As you enter the medical lab, you desperately hope that it’s the chili and not something more serious. Unfortunately, blood work, urinalysis, and ultrasound results eventually point to only one diagnosis: acute appendicitis. Your appendix has to be removed immediately, but you’re about 40 million kilometers away from the nearest emergency room. Fortunately, NASA began considering this possibility many years earlier.
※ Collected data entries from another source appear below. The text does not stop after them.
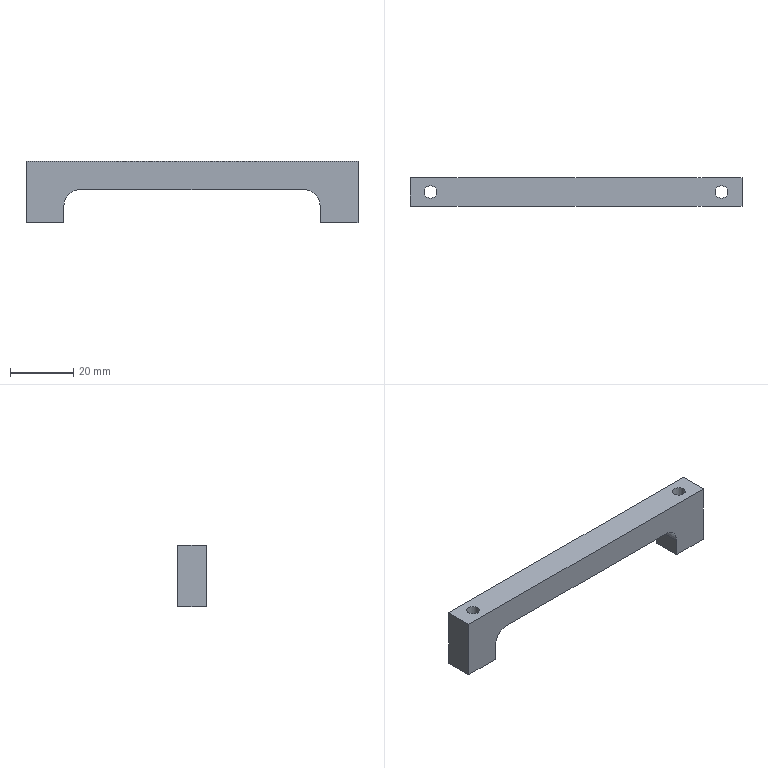Component | NX | LEG_2 | 1 solid | 14 faces | box 105 x 9 x 19.5 mm | volume 10379 mm3 | plane 10 | cylinder 4 | commonest cylinder face diameters 10 x2 4 x2
STEP:
#1=CARTESIAN_POINT('',(0.,0.,0.));
#2=DIRECTION('',(0.,0.,1.));
#3=DIRECTION('',(1.,0.,0.));
#4=AXIS2_PLACEMENT_3D('',#1,#2,#3);
#5=CARTESIAN_POINT('',(234.5,-71.5,106.5));
#6=VERTEX_POINT('',#5);
#7=CARTESIAN_POINT('',(230.5,-71.5,106.5));
#8=VERTEX_POINT('',#7);
#9=CARTESIAN_POINT('',(232.5,-71.5,106.5));
#10=DIRECTION('',(-0.,0.,-1.));
#11=DIRECTION('',(1.,0.,-0.));
#12=AXIS2_PLACEMENT_3D('',#9,#10,#11);
#13=CIRCLE('',#12,2.);
#14=CARTESIAN_POINT('',(278.5,-76.,106.5));
#15=DIRECTION('',(-0.,0.,-1.));
#16=DIRECTION('',(1.,0.,-0.));
#17=AXIS2_PLACEMENT_3D('',#14,#15,#16);
#18=PLANE('',#17);
#19=CARTESIAN_POINT('',(-46.,-4.5));
#20=DIRECTION('',(1.,0.));
#21=AXIS2_PLACEMENT_2D('',#19,#20);
#22=CIRCLE('',#21,2.);
#23=(GEOMETRIC_REPRESENTATION_CONTEXT(2)PARAMETRIC_REPRESENTATION_CONTEXT()REPRESENTATION_CONTEXT('',''));
#24=DEFINITIONAL_REPRESENTATION('',(#22),#23);
#25=PCURVE('',#18,#24);
#26=CARTESIAN_POINT('',(232.5,-71.5,86.5));
#27=DIRECTION('',(0.,0.,1.));
#28=DIRECTION('',(-1.,0.,0.));
#29=AXIS2_PLACEMENT_3D('',#26,#27,#28);
#30=CYLINDRICAL_SURFACE('',#29,2.);
#31=CARTESIAN_POINT('',(3.142,20.));
#32=DIRECTION('',(-1.,0.));
#33=VECTOR('',#32,1.);
#34=LINE('',#31,#33);
#35=(GEOMETRIC_REPRESENTATION_CONTEXT(2)PARAMETRIC_REPRESENTATION_CONTEXT()REPRESENTATION_CONTEXT('',''));
#36=DEFINITIONAL_REPRESENTATION('',(#34),#35);
#37=PCURVE('',#30,#36);
#38=SURFACE_CURVE('',#13,(#25,#37),.PCURVE_S1.);
#39=EDGE_CURVE('',#6,#8,#38,.T.);
#40=ORIENTED_EDGE('',*,*,#39,.T.);
#41=CARTESIAN_POINT('',(232.5,-71.5,106.5));
#42=DIRECTION('',(-0.,0.,-1.));
#43=DIRECTION('',(1.,0.,-0.));
#44=AXIS2_PLACEMENT_3D('',#41,#42,#43);
#45=CIRCLE('',#44,2.);
#46=CARTESIAN_POINT('',(-46.,-4.5));
#47=DIRECTION('',(1.,0.));
#48=AXIS2_PLACEMENT_2D('',#46,#47);
#49=CIRCLE('',#48,2.);
#50=(GEOMETRIC_REPRESENTATION_CONTEXT(2)PARAMETRIC_REPRESENTATION_CONTEXT()REPRESENTATION_CONTEXT('',''));
#51=DEFINITIONAL_REPRESENTATION('',(#49),#50);
#52=PCURVE('',#18,#51);
#53=CARTESIAN_POINT('',(9.425,20.));
#54=DIRECTION('',(-1.,0.));
#55=VECTOR('',#54,1.);
#56=LINE('',#53,#55);
#57=(GEOMETRIC_REPRESENTATION_CONTEXT(2)PARAMETRIC_REPRESENTATION_CONTEXT()REPRESENTATION_CONTEXT('',''));
#58=DEFINITIONAL_REPRESENTATION('',(#56),#57);
#59=PCURVE('',#30,#58);
#60=SURFACE_CURVE('',#45,(#52,#59),.PCURVE_S1.);
#61=EDGE_CURVE('',#8,#6,#60,.T.);
#62=ORIENTED_EDGE('',*,*,#61,.T.);
#63=EDGE_LOOP('',(#40,#62));
#64=FACE_BOUND('',#63,.T.);
#65=CARTESIAN_POINT('',(331.,-67.,106.5));
#66=VERTEX_POINT('',#65);
#67=CARTESIAN_POINT('',(226.,-67.,106.5));
#68=VERTEX_POINT('',#67);
#69=CARTESIAN_POINT('',(278.5,-67.,106.5));
#70=DIRECTION('',(-1.,0.,0.));
#71=VECTOR('',#70,1.);
#72=LINE('',#69,#71);
#73=CARTESIAN_POINT('',(0.,-9.));
#74=DIRECTION('',(-1.,0.));
#75=VECTOR('',#74,1.);
#76=LINE('',#73,#75);
#77=(GEOMETRIC_REPRESENTATION_CONTEXT(2)PARAMETRIC_REPRESENTATION_CONTEXT()REPRESENTATION_CONTEXT('',''));
#78=DEFINITIONAL_REPRESENTATION('',(#76),#77);
#79=PCURVE('',#18,#78);
#80=CARTESIAN_POINT('',(278.5,-67.,97.5));
#81=DIRECTION('',(0.,-1.,0.));
#82=DIRECTION('',(0.,0.,-1.));
#83=AXIS2_PLACEMENT_3D('',#80,#81,#82);
#84=PLANE('',#83);
#85=CARTESIAN_POINT('',(-9.,0.));
#86=DIRECTION('',(-0.,-1.));
#87=VECTOR('',#86,1.);
#88=LINE('',#85,#87);
#89=(GEOMETRIC_REPRESENTATION_CONTEXT(2)PARAMETRIC_REPRESENTATION_CONTEXT()REPRESENTATION_CONTEXT('',''));
#90=DEFINITIONAL_REPRESENTATION('',(#88),#89);
#91=PCURVE('',#84,#90);
#92=SURFACE_CURVE('',#72,(#79,#91),.PCURVE_S1.);
#93=EDGE_CURVE('',#66,#68,#92,.T.);
#94=ORIENTED_EDGE('',*,*,#93,.T.);
#95=CARTESIAN_POINT('',(226.,-76.,106.5));
#96=VERTEX_POINT('',#95);
#97=CARTESIAN_POINT('',(226.,-76.,106.5));
#98=DIRECTION('',(0.,1.,0.));
#99=VECTOR('',#98,1.);
#100=LINE('',#97,#99);
#101=CARTESIAN_POINT('',(-52.5,0.));
#102=DIRECTION('',(0.,-1.));
#103=VECTOR('',#102,1.);
#104=LINE('',#101,#103);
#105=(GEOMETRIC_REPRESENTATION_CONTEXT(2)PARAMETRIC_REPRESENTATION_CONTEXT()REPRESENTATION_CONTEXT('',''));
#106=DEFINITIONAL_REPRESENTATION('',(#104),#105);
#107=PCURVE('',#18,#106);
#108=CARTESIAN_POINT('',(226.,-76.,106.5));
#109=DIRECTION('',(1.,0.,0.));
#110=DIRECTION('',(0.,0.,1.));
#111=AXIS2_PLACEMENT_3D('',#108,#109,#110);
#112=PLANE('',#111);
#113=CARTESIAN_POINT('',(0.,0.));
#114=DIRECTION('',(0.,-1.));
#115=VECTOR('',#114,1.);
#116=LINE('',#113,#115);
#117=(GEOMETRIC_REPRESENTATION_CONTEXT(2)PARAMETRIC_REPRESENTATION_CONTEXT()REPRESENTATION_CONTEXT('',''));
#118=DEFINITIONAL_REPRESENTATION('',(#116),#117);
#119=PCURVE('',#112,#118);
#120=SURFACE_CURVE('',#100,(#107,#119),.PCURVE_S1.);
#121=EDGE_CURVE('',#96,#68,#120,.T.);
#122=ORIENTED_EDGE('',*,*,#121,.F.);
#123=CARTESIAN_POINT('',(331.,-76.,106.5));
#124=VERTEX_POINT('',#123);
#125=CARTESIAN_POINT('',(331.,-76.,106.5));
#126=DIRECTION('',(-1.,0.,-0.));
#127=VECTOR('',#126,1.);
#128=LINE('',#125,#127);
#129=CARTESIAN_POINT('',(52.5,0.));
#130=DIRECTION('',(-1.,0.));
#131=VECTOR('',#130,1.);
#132=LINE('',#129,#131);
#133=(GEOMETRIC_REPRESENTATION_CONTEXT(2)PARAMETRIC_REPRESENTATION_CONTEXT()REPRESENTATION_CONTEXT('',''));
#134=DEFINITIONAL_REPRESENTATION('',(#132),#133);
#135=PCURVE('',#18,#134);
#136=CARTESIAN_POINT('',(278.5,-76.,97.5));
#137=DIRECTION('',(0.,-1.,0.));
#138=DIRECTION('',(0.,0.,-1.));
#139=AXIS2_PLACEMENT_3D('',#136,#137,#138);
#140=PLANE('',#139);
#141=CARTESIAN_POINT('',(-9.,52.5));
#142=DIRECTION('',(0.,-1.));
#143=VECTOR('',#142,1.);
#144=LINE('',#141,#143);
#145=(GEOMETRIC_REPRESENTATION_CONTEXT(2)PARAMETRIC_REPRESENTATION_CONTEXT()REPRESENTATION_CONTEXT('',''));
#146=DEFINITIONAL_REPRESENTATION('',(#144),#145);
#147=PCURVE('',#140,#146);
#148=SURFACE_CURVE('',#128,(#135,#147),.PCURVE_S1.);
#149=EDGE_CURVE('',#124,#96,#148,.T.);
#150=ORIENTED_EDGE('',*,*,#149,.F.);
#151=CARTESIAN_POINT('',(331.,-76.,106.5));
#152=DIRECTION('',(0.,1.,0.));
#153=VECTOR('',#152,1.);
#154=LINE('',#151,#153);
#155=CARTESIAN_POINT('',(52.5,0.));
#156=DIRECTION('',(0.,-1.));
#157=VECTOR('',#156,1.);
#158=LINE('',#155,#157);
#159=(GEOMETRIC_REPRESENTATION_CONTEXT(2)PARAMETRIC_REPRESENTATION_CONTEXT()REPRESENTATION_CONTEXT('',''));
#160=DEFINITIONAL_REPRESENTATION('',(#158),#159);
#161=PCURVE('',#18,#160);
#162=CARTESIAN_POINT('',(331.,-76.,87.));
#163=DIRECTION('',(-1.,0.,0.));
#164=DIRECTION('',(0.,0.,-1.));
#165=AXIS2_PLACEMENT_3D('',#162,#163,#164);
#166=PLANE('',#165);
#167=CARTESIAN_POINT('',(-19.5,0.));
#168=DIRECTION('',(0.,-1.));
#169=VECTOR('',#168,1.);
#170=LINE('',#167,#169);
#171=(GEOMETRIC_REPRESENTATION_CONTEXT(2)PARAMETRIC_REPRESENTATION_CONTEXT()REPRESENTATION_CONTEXT('',''));
#172=DEFINITIONAL_REPRESENTATION('',(#170),#171);
#173=PCURVE('',#166,#172);
#174=SURFACE_CURVE('',#154,(#161,#173),.PCURVE_S1.);
#175=EDGE_CURVE('',#124,#66,#174,.T.);
#176=ORIENTED_EDGE('',*,*,#175,.T.);
#177=EDGE_LOOP('',(#94,#122,#150,#176));
#178=FACE_BOUND('',#177,.T.);
#179=CARTESIAN_POINT('',(322.5,-71.5,106.5));
#180=VERTEX_POINT('',#179);
#181=CARTESIAN_POINT('',(324.5,-71.5,106.5));
#182=DIRECTION('',(0.,0.,1.));
#183=DIRECTION('',(-1.,0.,0.));
#184=AXIS2_PLACEMENT_3D('',#181,#182,#183);
#185=CIRCLE('',#184,2.);
#186=CARTESIAN_POINT('',(44.,-4.5));
#187=CARTESIAN_POINT('',(44.,-1.036));
#188=CARTESIAN_POINT('',(47.,-2.768));
#189=CARTESIAN_POINT('',(50.,-4.5));
#190=CARTESIAN_POINT('',(47.,-6.232));
#191=CARTESIAN_POINT('',(44.,-7.964));
#192=CARTESIAN_POINT('',(44.,-4.5));
#193=(BOUNDED_CURVE()B_SPLINE_CURVE(2,(#186,#187,#188,#189,#190,#191,#192),.UNSPECIFIED.,.T.,.F.)B_SPLINE_CURVE_WITH_KNOTS((1,2,2,2,2,1),(-2.094,0.,2.094,4.189,6.283,8.378),.UNSPECIFIED.)CURVE()GEOMETRIC_REPRESENTATION_ITEM()RATIONAL_B_SPLINE_CURVE((1.,0.5,1.,0.5,1.,0.5,1.))REPRESENTATION_ITEM(''));
#194=(GEOMETRIC_REPRESENTATION_CONTEXT(2)PARAMETRIC_REPRESENTATION_CONTEXT()REPRESENTATION_CONTEXT('',''));
#195=DEFINITIONAL_REPRESENTATION('',(#193),#194);
#196=PCURVE('',#18,#195);
#197=CARTESIAN_POINT('',(324.5,-71.5,86.5));
#198=DIRECTION('',(0.,0.,1.));
#199=DIRECTION('',(-1.,0.,0.));
#200=AXIS2_PLACEMENT_3D('',#197,#198,#199);
#201=CYLINDRICAL_SURFACE('',#200,2.);
#202=CARTESIAN_POINT('',(0.,20.));
#203=DIRECTION('',(1.,0.));
#204=VECTOR('',#203,1.);
#205=LINE('',#202,#204);
#206=(GEOMETRIC_REPRESENTATION_CONTEXT(2)PARAMETRIC_REPRESENTATION_CONTEXT()REPRESENTATION_CONTEXT('',''));
#207=DEFINITIONAL_REPRESENTATION('',(#205),#206);
#208=PCURVE('',#201,#207);
#209=SURFACE_CURVE('',#185,(#196,#208),.PCURVE_S1.);
#210=EDGE_CURVE('',#180,#180,#209,.T.);
#211=ORIENTED_EDGE('',*,*,#210,.F.);
#212=EDGE_LOOP('',(#211));
#213=FACE_BOUND('',#212,.T.);
#214=ADVANCED_FACE('',(#64,#178,#213),#18,.F.);
#215=CARTESIAN_POINT('',(331.,-67.,87.));
#216=VERTEX_POINT('',#215);
#217=CARTESIAN_POINT('',(331.,-67.,87.));
#218=DIRECTION('',(0.,0.,1.));
#219=VECTOR('',#218,1.);
#220=LINE('',#217,#219);
#221=CARTESIAN_POINT('',(0.,-9.));
#222=DIRECTION('',(-1.,0.));
#223=VECTOR('',#222,1.);
#224=LINE('',#221,#223);
#225=(GEOMETRIC_REPRESENTATION_CONTEXT(2)PARAMETRIC_REPRESENTATION_CONTEXT()REPRESENTATION_CONTEXT('',''));
#226=DEFINITIONAL_REPRESENTATION('',(#224),#225);
#227=PCURVE('',#166,#226);
#228=CARTESIAN_POINT('',(10.5,52.5));
#229=DIRECTION('',(-1.,0.));
#230=VECTOR('',#229,1.);
#231=LINE('',#228,#230);
#232=(GEOMETRIC_REPRESENTATION_CONTEXT(2)PARAMETRIC_REPRESENTATION_CONTEXT()REPRESENTATION_CONTEXT('',''));
#233=DEFINITIONAL_REPRESENTATION('',(#231),#232);
#234=PCURVE('',#84,#233);
#235=SURFACE_CURVE('',#220,(#227,#234),.PCURVE_S1.);
#236=EDGE_CURVE('',#216,#66,#235,.T.);
#237=ORIENTED_EDGE('',*,*,#236,.T.);
#238=ORIENTED_EDGE('',*,*,#175,.F.);
#239=CARTESIAN_POINT('',(331.,-76.,87.));
#240=VERTEX_POINT('',#239);
#241=CARTESIAN_POINT('',(331.,-76.,87.));
#242=DIRECTION('',(0.,0.,1.));
#243=VECTOR('',#242,1.);
#244=LINE('',#241,#243);
#245=CARTESIAN_POINT('',(0.,0.));
#246=DIRECTION('',(-1.,0.));
#247=VECTOR('',#246,1.);
#248=LINE('',#245,#247);
#249=(GEOMETRIC_REPRESENTATION_CONTEXT(2)PARAMETRIC_REPRESENTATION_CONTEXT()REPRESENTATION_CONTEXT('',''));
#250=DEFINITIONAL_REPRESENTATION('',(#248),#249);
#251=PCURVE('',#166,#250);
#252=CARTESIAN_POINT('',(10.5,52.5));
#253=DIRECTION('',(-1.,0.));
#254=VECTOR('',#253,1.);
#255=LINE('',#252,#254);
#256=(GEOMETRIC_REPRESENTATION_CONTEXT(2)PARAMETRIC_REPRESENTATION_CONTEXT()REPRESENTATION_CONTEXT('',''));
#257=DEFINITIONAL_REPRESENTATION('',(#255),#256);
#258=PCURVE('',#140,#257);
#259=SURFACE_CURVE('',#244,(#251,#258),.PCURVE_S1.);
#260=EDGE_CURVE('',#240,#124,#259,.T.);
#261=ORIENTED_EDGE('',*,*,#260,.F.);
#262=CARTESIAN_POINT('',(331.,-76.,87.));
#263=DIRECTION('',(0.,1.,0.));
#264=VECTOR('',#263,1.);
#265=LINE('',#262,#264);
#266=CARTESIAN_POINT('',(0.,0.));
#267=DIRECTION('',(0.,-1.));
#268=VECTOR('',#267,1.);
#269=LINE('',#266,#268);
#270=(GEOMETRIC_REPRESENTATION_CONTEXT(2)PARAMETRIC_REPRESENTATION_CONTEXT()REPRESENTATION_CONTEXT('',''));
#271=DEFINITIONAL_REPRESENTATION('',(#269),#270);
#272=PCURVE('',#166,#271);
#273=CARTESIAN_POINT('',(319.,-76.,87.));
#274=DIRECTION('',(0.,0.,1.));
#275=DIRECTION('',(-1.,0.,0.));
#276=AXIS2_PLACEMENT_3D('',#273,#274,#275);
#277=PLANE('',#276);
#278=CARTESIAN_POINT('',(-12.,0.));
#279=DIRECTION('',(0.,-1.));
#280=VECTOR('',#279,1.);
#281=LINE('',#278,#280);
#282=(GEOMETRIC_REPRESENTATION_CONTEXT(2)PARAMETRIC_REPRESENTATION_CONTEXT()REPRESENTATION_CONTEXT('',''));
#283=DEFINITIONAL_REPRESENTATION('',(#281),#282);
#284=PCURVE('',#277,#283);
#285=SURFACE_CURVE('',#265,(#272,#284),.PCURVE_S1.);
#286=EDGE_CURVE('',#240,#216,#285,.T.);
#287=ORIENTED_EDGE('',*,*,#286,.T.);
#288=EDGE_LOOP('',(#237,#238,#261,#287));
#289=FACE_BOUND('',#288,.T.);
#290=ADVANCED_FACE('',(#289),#166,.F.);
#291=CARTESIAN_POINT('',(226.,-67.,87.));
#292=VERTEX_POINT('',#291);
#293=CARTESIAN_POINT('',(226.,-67.,106.5));
#294=DIRECTION('',(0.,0.,-1.));
#295=VECTOR('',#294,1.);
#296=LINE('',#293,#295);
#297=CARTESIAN_POINT('',(0.,-9.));
#298=DIRECTION('',(-1.,0.));
#299=VECTOR('',#298,1.);
#300=LINE('',#297,#299);
#301=(GEOMETRIC_REPRESENTATION_CONTEXT(2)PARAMETRIC_REPRESENTATION_CONTEXT()REPRESENTATION_CONTEXT('',''));
#302=DEFINITIONAL_REPRESENTATION('',(#300),#301);
#303=PCURVE('',#112,#302);
#304=CARTESIAN_POINT('',(-9.,-52.5));
#305=DIRECTION('',(1.,0.));
#306=VECTOR('',#305,1.);
#307=LINE('',#304,#306);
#308=(GEOMETRIC_REPRESENTATION_CONTEXT(2)PARAMETRIC_REPRESENTATION_CONTEXT()REPRESENTATION_CONTEXT('',''));
#309=DEFINITIONAL_REPRESENTATION('',(#307),#308);
#310=PCURVE('',#84,#309);
#311=SURFACE_CURVE('',#296,(#303,#310),.PCURVE_S1.);
#312=EDGE_CURVE('',#68,#292,#311,.T.);
#313=ORIENTED_EDGE('',*,*,#312,.T.);
#314=CARTESIAN_POINT('',(226.,-76.,87.));
#315=VERTEX_POINT('',#314);
#316=CARTESIAN_POINT('',(226.,-76.,87.));
#317=DIRECTION('',(0.,1.,0.));
#318=VECTOR('',#317,1.);
#319=LINE('',#316,#318);
#320=CARTESIAN_POINT('',(-19.5,0.));
#321=DIRECTION('',(0.,-1.));
#322=VECTOR('',#321,1.);
#323=LINE('',#320,#322);
#324=(GEOMETRIC_REPRESENTATION_CONTEXT(2)PARAMETRIC_REPRESENTATION_CONTEXT()REPRESENTATION_CONTEXT('',''));
#325=DEFINITIONAL_REPRESENTATION('',(#323),#324);
#326=PCURVE('',#112,#325);
#327=CARTESIAN_POINT('',(226.,-76.,87.));
#328=DIRECTION('',(-0.,0.,1.));
#329=DIRECTION('',(-1.,0.,-0.));
#330=AXIS2_PLACEMENT_3D('',#327,#328,#329);
#331=PLANE('',#330);
#332=CARTESIAN_POINT('',(0.,0.));
#333=DIRECTION('',(0.,-1.));
#334=VECTOR('',#333,1.);
#335=LINE('',#332,#334);
#336=(GEOMETRIC_REPRESENTATION_CONTEXT(2)PARAMETRIC_REPRESENTATION_CONTEXT()REPRESENTATION_CONTEXT('',''));
#337=DEFINITIONAL_REPRESENTATION('',(#335),#336);
#338=PCURVE('',#331,#337);
#339=SURFACE_CURVE('',#319,(#326,#338),.PCURVE_S1.);
#340=EDGE_CURVE('',#315,#292,#339,.T.);
#341=ORIENTED_EDGE('',*,*,#340,.F.);
#342=CARTESIAN_POINT('',(226.,-76.,106.5));
#343=DIRECTION('',(0.,0.,-1.));
#344=VECTOR('',#343,1.);
#345=LINE('',#342,#344);
#346=CARTESIAN_POINT('',(0.,0.));
#347=DIRECTION('',(-1.,0.));
#348=VECTOR('',#347,1.);
#349=LINE('',#346,#348);
#350=(GEOMETRIC_REPRESENTATION_CONTEXT(2)PARAMETRIC_REPRESENTATION_CONTEXT()REPRESENTATION_CONTEXT('',''));
#351=DEFINITIONAL_REPRESENTATION('',(#349),#350);
#352=PCURVE('',#112,#351);
#353=CARTESIAN_POINT('',(-9.,-52.5));
#354=DIRECTION('',(1.,0.));
#355=VECTOR('',#354,1.);
#356=LINE('',#353,#355);
#357=(GEOMETRIC_REPRESENTATION_CONTEXT(2)PARAMETRIC_REPRESENTATION_CONTEXT()REPRESENTATION_CONTEXT('',''));
#358=DEFINITIONAL_REPRESENTATION('',(#356),#357);
#359=PCURVE('',#140,#358);
#360=SURFACE_CURVE('',#345,(#352,#359),.PCURVE_S1.);
#361=EDGE_CURVE('',#96,#315,#360,.T.);
#362=ORIENTED_EDGE('',*,*,#361,.F.);
#363=ORIENTED_EDGE('',*,*,#121,.T.);
#364=EDGE_LOOP('',(#313,#341,#362,#363));
#365=FACE_BOUND('',#364,.T.);
#366=ADVANCED_FACE('',(#365),#112,.F.);
#367=CARTESIAN_POINT('',(230.5,-71.5,87.));
#368=VERTEX_POINT('',#367);
#369=CARTESIAN_POINT('',(232.5,-71.5,87.));
#370=DIRECTION('',(0.,0.,-1.));
#371=DIRECTION('',(-1.,0.,-0.));
#372=AXIS2_PLACEMENT_3D('',#369,#370,#371);
#373=CIRCLE('',#372,2.);
#374=CARTESIAN_POINT('',(-4.5,-4.5));
#375=CARTESIAN_POINT('',(-4.5,-7.964));
#376=CARTESIAN_POINT('',(-7.5,-6.232));
#377=CARTESIAN_POINT('',(-10.5,-4.5));
#378=CARTESIAN_POINT('',(-7.5,-2.768));
#379=CARTESIAN_POINT('',(-4.5,-1.036));
#380=CARTESIAN_POINT('',(-4.5,-4.5));
#381=(BOUNDED_CURVE()B_SPLINE_CURVE(2,(#374,#375,#376,#377,#378,#379,#380),.UNSPECIFIED.,.T.,.F.)B_SPLINE_CURVE_WITH_KNOTS((1,2,2,2,2,1),(-2.094,0.,2.094,4.189,6.283,8.378),.UNSPECIFIED.)CURVE()GEOMETRIC_REPRESENTATION_ITEM()RATIONAL_B_SPLINE_CURVE((1.,0.5,1.,0.5,1.,0.5,1.))REPRESENTATION_ITEM(''));
#382=(GEOMETRIC_REPRESENTATION_CONTEXT(2)PARAMETRIC_REPRESENTATION_CONTEXT()REPRESENTATION_CONTEXT('',''));
#383=DEFINITIONAL_REPRESENTATION('',(#381),#382);
#384=PCURVE('',#331,#383);
#385=CARTESIAN_POINT('',(6.283,0.5));
#386=DIRECTION('',(-1.,0.));
#387=VECTOR('',#386,1.);
#388=LINE('',#385,#387);
#389=(GEOMETRIC_REPRESENTATION_CONTEXT(2)PARAMETRIC_REPRESENTATION_CONTEXT()REPRESENTATION_CONTEXT('',''));
#390=DEFINITIONAL_REPRESENTATION('',(#388),#389);
#391=PCURVE('',#30,#390);
#392=SURFACE_CURVE('',#373,(#384,#391),.PCURVE_S1.);
#393=EDGE_CURVE('',#368,#368,#392,.T.);
#394=ORIENTED_EDGE('',*,*,#393,.F.);
#395=EDGE_LOOP('',(#394));
#396=FACE_BOUND('',#395,.T.);
#397=CARTESIAN_POINT('',(238.,-67.,87.));
#398=VERTEX_POINT('',#397);
#399=CARTESIAN_POINT('',(226.,-67.,87.));
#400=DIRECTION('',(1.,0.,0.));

Flash back to the present, when tests are scheduled to begin in a few months on a fist-sized robotic surgeon. The robot, produced by Virtual Incision of Lincoln, NE, weighs 0.4 kg, has 2 arms fitted with tools that can grab, cut, cauterize, and suture tissue, and is equipped with a video camera. It is designed to enter the body through a small incision in the umbilicus into an insufflated abdominal cavity. Once inside, the robot can be remotely operated via a control station on Earth to perform various surgical procedures. The upcoming experiments, to be conducted in an airplane flying parabolic arcs, will attempt to determine whether the little robot can perform basic tests of agility, such as manipulating small objects like rubber bands, in zero-gravity conditions.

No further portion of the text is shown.